Tailspotting: Identifying and profiting from CEO vacation trips - mathattack
http://www.sciencedirect.com/science/article/pii/S0304405X14000920
======
phil21
This was what came to immediate mind after reading about ADS-B becoming
mandatory in the US a few years back. This started a small few-month long
obsession to understand it all, and became one of my more fun hobbies in the
past few years. It already is mandatory in Europe. I didn't think of the
vacationing correlation to stock prices, but simply tracking corporate
movements and inferring future stock price movement from those movements.
"Wall Street" of course coming to immediate mind here.

For those not aware, ADS-B is essentially a transmitter in aircraft that
periodically report registration number, altitude, GPS coordinates, and
airspeed. This is to supplement the current air traffic control system, and
eventually take it over.
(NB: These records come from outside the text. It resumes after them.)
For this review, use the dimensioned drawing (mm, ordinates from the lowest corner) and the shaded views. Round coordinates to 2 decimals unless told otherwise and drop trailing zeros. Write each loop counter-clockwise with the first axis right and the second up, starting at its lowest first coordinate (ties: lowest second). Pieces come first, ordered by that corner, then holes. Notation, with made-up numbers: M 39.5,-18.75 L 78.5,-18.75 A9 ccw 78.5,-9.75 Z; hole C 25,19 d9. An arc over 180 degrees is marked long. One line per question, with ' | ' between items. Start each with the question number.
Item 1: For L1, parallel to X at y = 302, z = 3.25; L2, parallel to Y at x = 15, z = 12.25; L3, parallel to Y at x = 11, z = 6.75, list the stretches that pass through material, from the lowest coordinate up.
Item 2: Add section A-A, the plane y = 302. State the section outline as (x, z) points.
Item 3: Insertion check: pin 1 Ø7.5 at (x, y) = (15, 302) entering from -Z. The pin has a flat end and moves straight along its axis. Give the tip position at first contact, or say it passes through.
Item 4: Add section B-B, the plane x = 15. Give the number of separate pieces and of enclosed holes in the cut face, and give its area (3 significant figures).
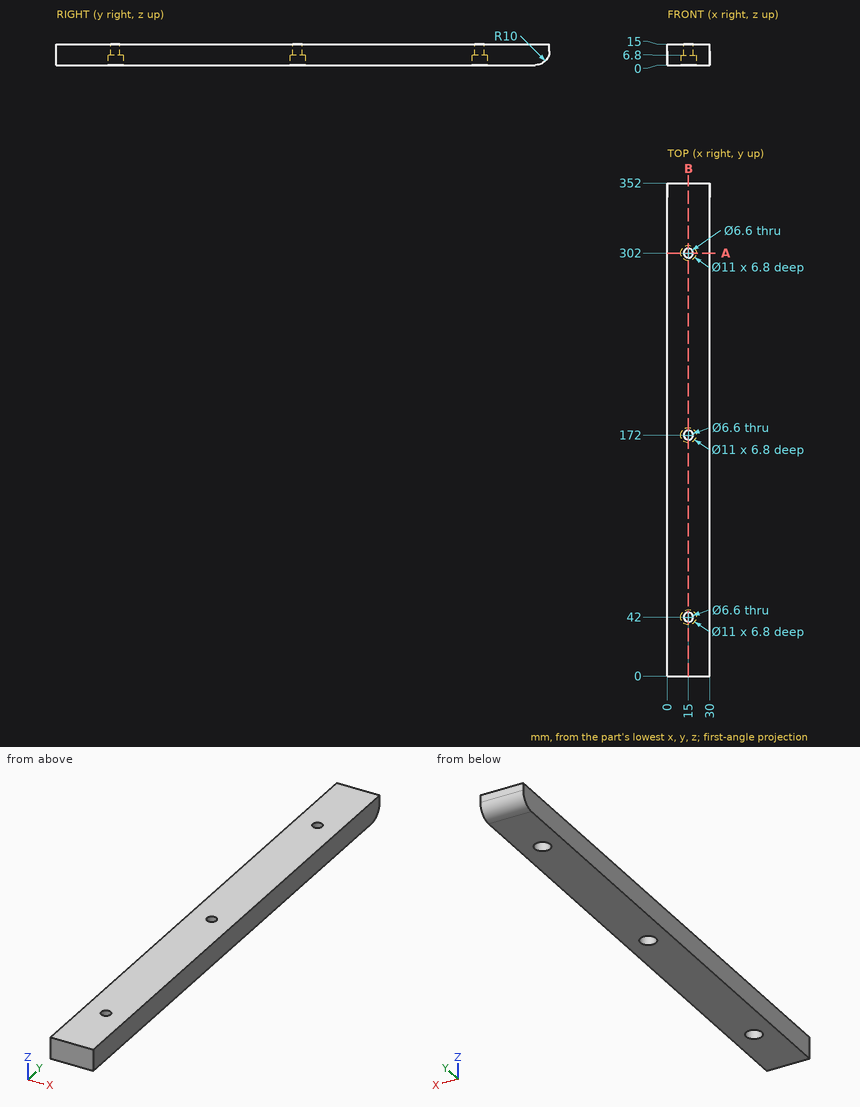
Computed values:
1) L1: x = 0 to 9.5, 20.5 to 30 | L2: y = 0 to 38.7, 45.3 to 168.7, 175.3 to 298.7, 305.3 to 352 | L3: y = 0 to 38.23, 45.77 to 168.23, 175.77 to 298.23, 305.77 to 351.46
2) outline: M 0,0 L 9.5,0 L 9.5,6.8 L 11.7,6.8 L 11.7,15 L 0,15 Z; M 18.3,6.8 L 20.5,6.8 L 20.5,0 L 30,0 L 30,15 L 18.3,15 Z
3) pin 1: stops at z = 6.8
4) separate pieces: 4 | enclosed holes: 0 | area: 4,870 mm^2

This data is in real time, and not delayed or
censored like the FAA supplied data feeds are.

It is not encrypted, so anyone with an antenna and the proper equipment can
get the location information of every equipped aircraft within usually a
50-250mi radius, depending on antenna height, receiver quality, topology, etc.
While many US domestic aircraft are not so equipped, this is rapidly changing
as I believe all must be by 2022. Any aircraft that ever enters European
airspace must be equipped, so that means for practical purposes any
International flight can be tracked. This includes most corporate jets which
are used to fly anywhere but within the United States.

It's trivial to decode in software, and I run a couple installations with
hacked up USB DBS TV dongles. They are not the highest quality (a few
enterprising folks sell custom ASIC/boards for doing this better), but are
cheap and easy to make work.

It's a fun project to hack on for a weekend, I learned a bit about software
defined radio among other things. Even fixed a bug in some code that
accidentally calculated the aircraft's location to the wrong hemisphere :)
Turns out GPS math is somewhat interesting, in the way they encode the data
for the little bandwidth available.

This is also the data that powers flightradar24, and probably some other sites
out there. Basically a network of enthusiasts that run antenna installations
reporting their data to a central server for visualization.

I brought a small antenna and box on vacation with me to Jamaica a couple
years back, and was able to track aircraft a good 300nm+ off the coast from
the beach. It was fun watching the tracks route around storms and such.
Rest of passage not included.